# Beenybox - Disappointed



## Autoquest (May 16, 2007)

We have just had our Beenybox fitted at Camborne, arrived back on site at Hayle and gave it a good once over. I must say I'm a little disappointed with the fit, far from being snug I have a good quarter inch gap between the top of the drawer and the bodywork which seems a little excessive, the problem with these boxes are that they are bespoke which makes it tricky to compare like for like... I will get back to Beenybox tomorrow but would like to know what the general fit is on other vans?

There are a few other issues as well but I hope that these will be easily sorted out - Overall though, feeling deflated.


----------



## peejay (May 10, 2005)

I had one on our previous van, it was fitted by Autosleepers who are an official outlet for fitting beeny boxes, it let so much water in it was virtually unuseable :evil: . 
See this post and make your own opinion....

http://www.motorhomefacts.com/ftopicp-66612.html#66612

In fairness to Beeny Boxes, they did offer to sort it out themselves if I could visit their premises (Autosleepers solution to the problem was to drill holes in the base to let the water out :evil but we sold the van on soon after.
Don't think I'd have another if I ever needed one.

Pete


----------



## Zuma (Apr 29, 2006)

My van is fitted with two B/Boxes. Factory fitted at A/S in 2002.

We have never had water ingress in either of them, they are a fantastic storage facility.

Mark


----------



## pauwilson (May 24, 2005)

I have 3 fitted and the are perfect, very professional looking and snug fitting. I class them as watertight, would not put sensitive electronics in them but given the conditions they have seen I have had next to no ingress. 

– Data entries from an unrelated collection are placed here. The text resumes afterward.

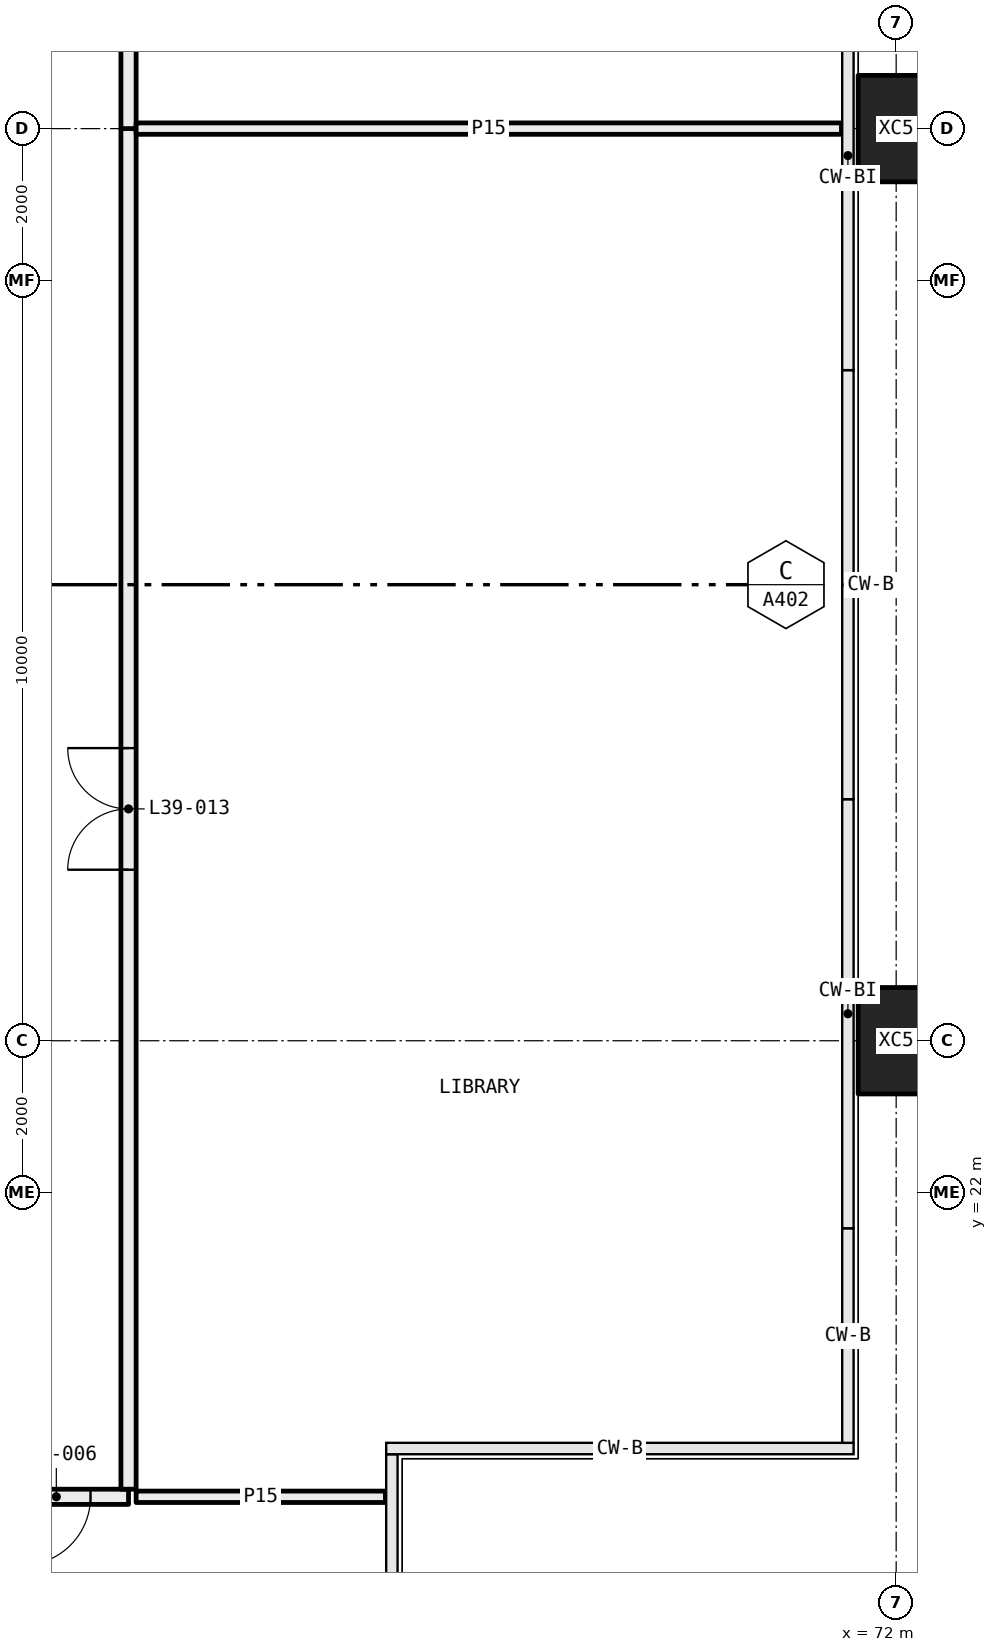
"""IFC4 building model, lengths in metres.
Left out: names, types, materials, properties, quantities, classifications, styles, units other than length and angle.
Written with IfcOpenShell. Run it as: python <this file> out.ifc"""

import sys

from ifc_helpers import new_model, si_unit, direction, frame, frame_2d, origin, origin_2d, place, context, subcontext, project, spatial, rectangle, hollow_rectangle, extrude, element, fill, save


model = new_model("IFC4")
c1 = context("Model", 3, precision=1e-05, world=origin(), true_north=direction((0.0, 1.0)))
c2 = subcontext(c1, "Body", "Model", "MODEL_VIEW")
j1 = project(units=[si_unit("LENGTHUNIT", "METRE"), si_unit("PLANEANGLEUNIT", "RADIAN")], contexts=[c1])
p1 = place(None, origin())
s1 = spatial("IfcSite", under=j1, at=p1, CompositionType="ELEMENT")
p2 = place(p1, origin())
s2 = spatial("IfcBuilding", under=s1, at=p2, CompositionType="ELEMENT")
p3 = place(p2, frame((0.0, 0.0, 148.35)))
s3 = spatial("IfcBuildingStorey", under=s2, at=p3, CompositionType="ELEMENT", Elevation=148.35)
for number, where, z_axis, x_axis in (
    (1, (72.0, 24.0, -0.4), (0.0, 0.0, 1.0), (0.0, 1.0, 0.0)),
    (2, (72.0, 36.0, -0.4), (0.0, 0.0, 1.0), (0.0, 1.0, 0.0)),
):
    element("IfcColumn", number, at=place(p3, frame(where, z_axis=z_axis, x_axis=x_axis)), inside=s3, PredefinedType="COLUMN", context=c2, shape_type="SweptSolid", body=[
        extrude(hollow_rectangle(XDim=1.4, YDim=1.0, WallThickness=0.055, at=origin_2d()), origin(), (0.0, 0.0, 1.0), 5.4),
    ])
p4 = place(p3, frame((60.0, 18.0, 0.0), z_axis=(0.0, 0.0, 1.0), x_axis=(1.0, 0.0, 0.0)))
e3 = element("IfcWall", 3, at=p4, inside=s3, PredefinedType="PARTITIONING", context=c2, shape_type="SweptSolid", body=[
    extrude(rectangle(XDim=1.9, YDim=0.2, at=frame_2d((0.95, 0.0))), origin(), (0.0, 0.0, 1.0), 5.0),
])
p5 = place(p4, frame((0.5, 0.0, 0.0)))
e4 = element("IfcOpeningElement", 4, at=p5, cuts=e3, PredefinedType="OPENING", context=c2, shape_type="SweptSolid", body=[
    extrude(rectangle(XDim=0.9, YDim=2.1, at=frame_2d((0.45, 1.05))), frame((0.0, 0.11, 0.0), z_axis=(0.0, -1.0, 0.0), x_axis=(1.0, 0.0, 0.0)), (0.0, 0.0, 1.0), 0.22),
])
p6 = place(p3, frame((61.9, 18.1, 0.0), z_axis=(0.0, 0.0, 1.0), x_axis=(0.0, 1.0, 0.0)))
e5 = element("IfcWall", 5, at=p6, inside=s3, PredefinedType="PARTITIONING", context=c2, shape_type="SweptSolid", body=[
    extrude(rectangle(XDim=17.9, YDim=0.2, at=frame_2d((8.95, 0.0))), origin(), (0.0, 0.0, 1.0), 4.4),
])
p7 = place(p6, frame((8.15, 0.0, 0.0)))
e6 = element("IfcOpeningElement", 6, at=p7, cuts=e5, PredefinedType="OPENING", context=c2, shape_type="SweptSolid", body=[
    extrude(rectangle(XDim=1.6, YDim=2.1, at=frame_2d((0.8, 1.05))), frame((0.0, 0.11, 0.0), z_axis=(0.0, -1.0, 0.0), x_axis=(1.0, 0.0, 0.0)), (0.0, 0.0, 1.0), 0.22),
])
p8 = place(p3, frame((61.9, 36.0, 0.0), z_axis=(0.0, 0.0, 1.0), x_axis=(0.0, 1.0, 0.0)))
e7 = element("IfcWall", 7, at=p8, inside=s3, PredefinedType="PARTITIONING", context=c2, shape_type="SweptSolid", body=[
    extrude(rectangle(XDim=6.4, YDim=0.2, at=frame_2d((3.2, 0.0))), origin(), (0.0, 0.0, 1.0), 4.4),
])
p9 = place(p8, frame((2.75, 0.0, 0.0)))
e8 = element("IfcOpeningElement", 8, at=p9, cuts=e7, PredefinedType="OPENING", context=c2, shape_type="SweptSolid", body=[
    extrude(rectangle(XDim=0.9, YDim=2.1, at=frame_2d((0.45, 1.05))), frame((0.0, 0.11, 0.0), z_axis=(0.0, -1.0, 0.0), x_axis=(1.0, 0.0, 0.0)), (0.0, 0.0, 1.0), 0.22),
])
p10 = place(p3, frame((65.28, 18.0, 0.0), z_axis=(0.0, 0.0, 1.0), x_axis=(-1.0, 0.0, 0.0)))
e9 = element("IfcWall", 9, at=p10, inside=s3, PredefinedType="PARTITIONING", context=c2, shape_type="SweptSolid", body=[
    extrude(rectangle(XDim=3.28, YDim=0.15, at=frame_2d((1.64, 0.0))), origin(), (0.0, 0.0, 1.0), 5.0),
])
p11 = place(p3, frame((71.28, 36.0, 0.0), z_axis=(0.0, 0.0, 1.0), x_axis=(-1.0, 0.0, 0.0)))
e10 = element("IfcWall", 10, at=p11, inside=s3, PredefinedType="PARTITIONING", context=c2, shape_type="SweptSolid", body=[
    extrude(rectangle(XDim=9.28, YDim=0.15, at=frame_2d((4.64, 0.0))), origin(), (0.0, 0.0, 1.0), 4.4),
])
p12 = place(p5, frame((0.9, 0.0, 0.0), x_axis=(-1.0, 0.0, 0.0)))
e11 = element("IfcDoor", 11, at=p12, inside=s3, OperationType="SINGLE_SWING_LEFT", PredefinedType="DOOR", context=c2, shape_type="SweptSolid", body=[
    extrude(rectangle(XDim=0.9, YDim=2.1, at=frame_2d((0.45, 1.05))), frame((0.0, 0.025, 0.0), z_axis=(0.0, -1.0, 0.0), x_axis=(1.0, 0.0, 0.0)), (0.0, 0.0, 1.0), 0.05),
])
fill(e4, e11)
p13 = place(p7, origin())
e12 = element("IfcDoor", 12, at=p13, inside=s3, OperationType="DOUBLE_DOOR_SINGLE_SWING", PredefinedType="DOOR", context=c2, shape_type="SweptSolid", body=[
    extrude(rectangle(XDim=1.6, YDim=2.1, at=frame_2d((0.8, 1.05))), frame((0.0, 0.025, 0.0), z_axis=(0.0, -1.0, 0.0), x_axis=(1.0, 0.0, 0.0)), (0.0, 0.0, 1.0), 0.05),
])
fill(e6, e12)
save(model, sys.argv[1])

I am sure Paul will sort it out, he is a very good engineer from what I seen that does not sound like the quality of work he turns out. There are certainly loads of pics on their website of previous work on vans similar to yours and they look good.


----------



## DTPCHEMICALS (Jul 24, 2006)

dumass would like to know what a beenybox is.

Thanks in anticipation
Dave p


----------



## locovan (Oct 17, 2007)

DTPCHEMICALS said:


> dumass would like to know what a beenybox is.
> 
> Thanks in anticipation
> Dave p


http://www.beenybox.co.uk/

For you :lol:


----------



## gromett (May 9, 2005)

Never heard of them would love a couple of those but this post is putting me off a little.

Karl


----------



## locovan (Oct 17, 2007)

gromett said:


> Never heard of them would love a couple of those but this post is putting me off a little.
> 
> Karl


Don't be ours has never leaked and I carry so much in them.
The yellow blocks and Ground Sheet and polishes and 2 collapsible chairs.
Vegetables they are very handy.


----------



## Steamdrivenandy (Jun 18, 2007)

locovan said:


> Don't be ours has never leaked and I carry so much in them.
> The yellow blocks and Ground Sheet and polishes and 2 collapsible chairs.
> Vegetables they are very handy.


I thought they were storage drawers under yer van, now you're telling me they're an allotment 8O  :lol:

SDA


----------



## locovan (Oct 17, 2007)

Steamdrivenandy said:


> locovan said:
> 
> 
> > Don't be ours has never leaked and I carry so much in them.
> ...


Wow its to early in the morning, I couldnt see the joke but its the veg bit isnt it.
Right in my Beeny Box I store my Veg to keep them cool as well all my other bits----there is that sounding better :lol: :lol: :lol:

Err my Beeny Box's are great for storing things :lol: :lol: :lol:

Also they are a very snug fit with no gaps and they do not allow water to get in 8)


----------



## Pudsey_Bear (Sep 25, 2008)

Sorry Mavis, it is early yet for me too, but.

1, why do you keep your "bits" in there?

2, wouldn't it be healthier to let the water out?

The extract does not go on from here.